Trata-se de uma análise envolvente sobre as novas formas de nascer, viver e morrer das pessoas e comunidades, em um mundo tecnicamente avançado e globalizado, mas pleno de contradições, com a maioria da população sem acesso aos benefícios decorrentes dos avanços científicos e tecnológicos. Que trata da relação indispensável entre ciência e natureza e discute temas candentes relacionados à eqüidade, trabalho e conflitos éticos decorrentes. Que analisa o corpo humano desde a escravidão ao biomercado, aprofundando no estudo crítico da saúde global. Que mostra novos rumos morais a serem observados pelas sociedades democráticas do terceiro milênio. Um livro esclarecedor, que desnuda e analisa com clareza avassaladora a nossa realidade ética cotidiana e dos dias que estão por vir.

 

Os cinco capítulos e o posfácio

Didaticamente a obra é dividida em cinco grandes capítulos. O primeiro aborda o Nascer Hoje, Entre a Natureza e a Ciência, onde analisa assuntos que vão desde os direitos reprodutivos, aborto, esterilização e eqüidade, passando pela discussão das questões emergentes relacionadas com a reprodução assistida e a experimentação com embriões, chegando à clonagem humana. O segundo capítulo trabalha o tema População, Ética e Eqüidade, enfocando as escolhas individuais e as decisões coletivas com base nos valores da demografia, incluindo a análise das bases éticas das políticas populacionais e terminando com a instigante interrogação se, a partir da teoria dos direitos humanos e do pluralismo e considerando os recursos econômicos de cada país, é ético intervir no controle populacional. O capítulo seguinte centra a atenção no Trabalho e Saúde: Fundamentos e Conflitos Éticos, onde assuntos como a ética dos negócios e a ética das virtudes são discutidos conjuntamente com as teorias econômicas de Adam Smith (sobre a riqueza das nações e o bem-estar dos trabalhadores) e Karl Marx (sobre o uso ou depredação da força de trabalho).
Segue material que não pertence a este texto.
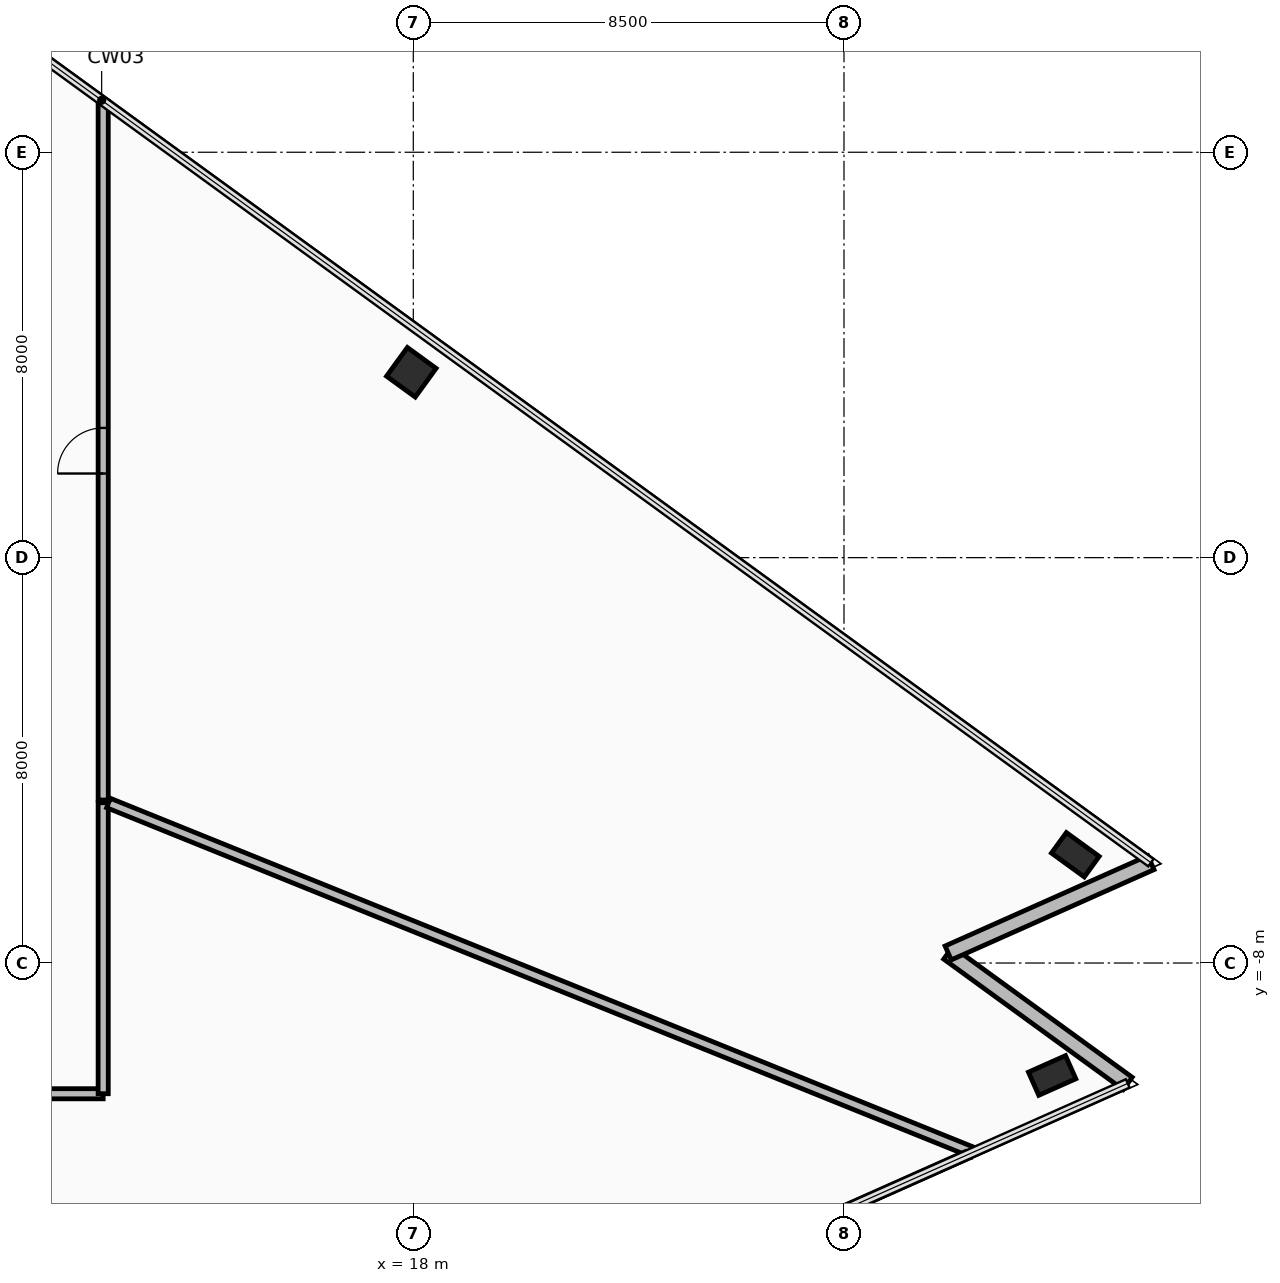
"""IFC4 building model, lengths in metres.
Left out: names, types, materials, properties, quantities, classifications, styles, units other than length and angle.
Written with IfcOpenShell. Run it as: python <this file> out.ifc"""

import sys

from ifc_helpers import new_model, si_unit, direction, frame, frame_2d, origin, origin_2d, place, context, subcontext, project, spatial, rectangle, hollow_rectangle, extrude, element, fill, save


model = new_model("IFC4")
c1 = context("Model", 3, precision=1e-05, world=origin(), true_north=direction((0.0, 1.0)))
c2 = subcontext(c1, "Body", "Model", "MODEL_VIEW")
j1 = project(units=[si_unit("LENGTHUNIT", "METRE"), si_unit("PLANEANGLEUNIT", "RADIAN")], contexts=[c1])
p1 = place(None, origin())
s1 = spatial("IfcSite", under=j1, at=p1, CompositionType="ELEMENT")
p2 = place(p1, origin())
s2 = spatial("IfcBuilding", under=s1, at=p2, CompositionType="ELEMENT")
p3 = place(p2, frame((0.0, 0.0, 134.05)))
s3 = spatial("IfcBuildingStorey", under=s2, at=p3, CompositionType="ELEMENT", Elevation=134.05)
for number, where, z_axis, x_axis in (
    (1, (30.608, -10.219, 0.0), (0.0, 0.0, 1.0), (0.914, 0.407, 0.0)),
    (2, (31.066, -5.863, 0.0), (0.0, 0.0, 1.0), (-0.809, 0.588, 0.0)),
):
    element("IfcColumn", number, at=place(p3, frame(where, z_axis=z_axis, x_axis=x_axis)), inside=s3, PredefinedType="COLUMN", context=c2, shape_type="SweptSolid", body=[
        extrude(hollow_rectangle(XDim=0.5, YDim=0.8, WallThickness=0.04, at=origin_2d()), origin(), (0.0, 0.0, 1.0), 4.75),
    ])
p4 = place(p3, frame((17.961, 3.658, 0.0), z_axis=(0.0, 0.0, 1.0), x_axis=(-0.809016994375, 0.587785252292, 0.0)))
e3 = element("IfcColumn", 3, at=p4, inside=s3, PredefinedType="COLUMN", context=c2, shape_type="SweptSolid", body=[
    extrude(hollow_rectangle(XDim=0.7, YDim=0.7, WallThickness=0.04, at=origin_2d()), origin(), (0.0, 0.0, 1.0), 4.75),
])
for number, where, z_axis, x_axis in (
    (4, (32.1, -10.376, 0.0), (0.0, 0.0, 1.0), (-0.809, 0.588, 0.0)),
    (5, (28.556, -7.802, 0.0), (0.0, 0.0, 1.0), (0.914, 0.407, 0.0)),
):
    element("IfcWall", number, at=place(p3, frame(where, z_axis=z_axis, x_axis=x_axis)), inside=s3, PredefinedType="STANDARD", context=c2, shape_type="SweptSolid", body=[
        extrude(rectangle(XDim=4.38, YDim=0.3, at=frame_2d((2.19, 0.0))), origin(), (0.0, 0.0, 1.0), 2.255),
    ])
p5 = place(p3, frame((-4.258, -10.58, 0.0), z_axis=(0.0, 0.0, 1.0), x_axis=(1.0, 0.0, 0.0)))
e6 = element("IfcWall", 6, at=p5, inside=s3, PredefinedType="PARTITIONING", context=c2, shape_type="SweptSolid", body=[
    extrude(rectangle(XDim=16.137, YDim=0.2, at=frame_2d((8.069, 0.0))), origin(), (0.0, 0.0, 1.0), 2.355),
])
p6 = place(p5, frame((7.644, 0.0, 0.0)))
e7 = element("IfcOpeningElement", 7, at=p6, cuts=e6, PredefinedType="OPENING", context=c2, shape_type="SweptSolid", body=[
    extrude(rectangle(XDim=0.85, YDim=2.1, at=frame_2d((0.425, 1.05))), frame((0.0, 0.11, 0.0), z_axis=(0.0, -1.0, 0.0), x_axis=(1.0, 0.0, 0.0)), (0.0, 0.0, 1.0), 0.22),
])
p7 = place(p3, frame((11.88, -10.579, 0.0), z_axis=(0.0, 0.0, 1.0), x_axis=(0.0, 1.0, 0.0)))
e8 = element("IfcWall", 8, at=p7, inside=s3, PredefinedType="PARTITIONING", context=c2, shape_type="SweptSolid", body=[
    extrude(rectangle(XDim=5.742, YDim=0.2, at=frame_2d((2.871, 0.0))), origin(), (0.0, 0.0, 1.0), 2.355),
])
p8 = place(p3, frame((11.985, -4.842, 0.0), z_axis=(0.0, 0.0, 1.0), x_axis=(0.927179986841, -0.37461616623, 0.0)))
e9 = element("IfcWall", 9, at=p8, inside=s3, PredefinedType="PARTITIONING", context=c2, shape_type="SweptSolid", body=[
    extrude(rectangle(XDim=18.401, YDim=0.2, at=frame_2d((9.2, 0.0))), origin(), (0.0, 0.0, 1.0), 2.255),
])
p9 = place(p3, frame((28.913, -11.795, 0.0), z_axis=(0.0, 0.0, 1.0), x_axis=(-0.913545956469, -0.406735522692, 0.0)))
e10 = element("IfcWall", 10, at=p9, inside=s3, PredefinedType="PARTITIONING", context=c2, shape_type="SweptSolid", body=[
    extrude(rectangle(XDim=44.801, YDim=0.15, at=frame_2d((22.4, 0.0))), origin(), (0.0, 0.0, 1.0), 2.355),
])
p10 = place(p3, frame((11.88, -4.783, 0.0), z_axis=(0.0, 0.0, 1.0), x_axis=(0.0, 1.0, 0.0)))
e11 = element("IfcWall", 11, at=p10, inside=s3, PredefinedType="PARTITIONING", context=c2, shape_type="SweptSolid", body=[
    extrude(rectangle(XDim=13.786, YDim=0.2, at=frame_2d((6.893, 0.0))), origin(), (0.0, 0.0, 1.0), 2.255),
])
p11 = place(p10, frame((6.443, 0.0, 0.0)))
e12 = element("IfcOpeningElement", 12, at=p11, cuts=e11, PredefinedType="OPENING", context=c2, shape_type="SweptSolid", body=[
    extrude(rectangle(XDim=0.9, YDim=2.1, at=frame_2d((0.45, 1.05))), frame((0.0, 0.11, 0.0), z_axis=(0.0, -1.0, 0.0), x_axis=(1.0, 0.0, 0.0)), (0.0, 0.0, 1.0), 0.22),
])
p12 = place(p11, origin())
e13 = element("IfcDoor", 13, at=p12, inside=s3, OperationType="SINGLE_SWING_LEFT", PredefinedType="DOOR", context=c2, shape_type="SweptSolid", body=[
    extrude(rectangle(XDim=0.9, YDim=2.1, at=frame_2d((0.45, 1.05))), frame((0.0, 0.025, 0.0), z_axis=(0.0, -1.0, 0.0), x_axis=(1.0, 0.0, 0.0)), (0.0, 0.0, 1.0), 0.05),
])
fill(e12, e13)
save(model, sys.argv[1])

Esse tópico incorpora, ainda, as relações entre os trabalhadores e as empresas, além da produção propriamente dita e o meio ambiente.

O capítulo quarto focaliza O Corpo Humano: da Escravidão ao Biomercado, onde elabora uma aguda crítica do processo de comercialização desenfreada do que denomina de "um novo mercado humano" e que inclui temas como a valorização do corpo, a mercantilização do corpo, o (errôneo...) argumento da inferioridade, as formas atuais de escravidão e os novos "objetos" do biomercado. O último capítulo, finalmente, traz um debate muitíssimo atualizado sobre A Saúde Global, traçando uma candente crítica ao descontrolado processo de globalização econômica promovido pelos países ricos, que exclui crescentemente as populações pobres do mundo das condições mínimas para viver com dignidade e dos benefícios das novas descobertas da ciência. Para veicular a discussão, lança mão de referenciais concretos como as antigas e novas infecções, a degradação ambiental, as drogas e a violência crescente em todos os níveis e setores do contexto internacional.

Para terminar, o autor brinda os leitores com um delicioso Posfácio, onde narra detalhadamente como foi construindo cada capítulo e quais interlocutores acadêmicos, com as respectivas referências bibliográficas específicas para cada tópico, foram importantes nessa construção. A preocupação constante com a interlocução, o diálogo e a reflexão estão entre as principais virtudes de Berlinguer: "citei, no prefácio e ao longo dos cinco capítulos, muitas opiniões tanto divergentes como concordantes com as minhas, por sua vez provenientes de pessoas e tendências de várias orientações". Termina o livro com humildade, um de seus traços mais marcantes e próprios dos "grandes", preocupado em não deixar o leitor com dúvidas: "os argumentos e as orientações..., enfim, propõem uma contínua reavaliação da relação entre a bioética de fronteira e a bioética cotidiana... Essa análise, pelo menos nas intenções, representa talvez o principal fio condutor do livro".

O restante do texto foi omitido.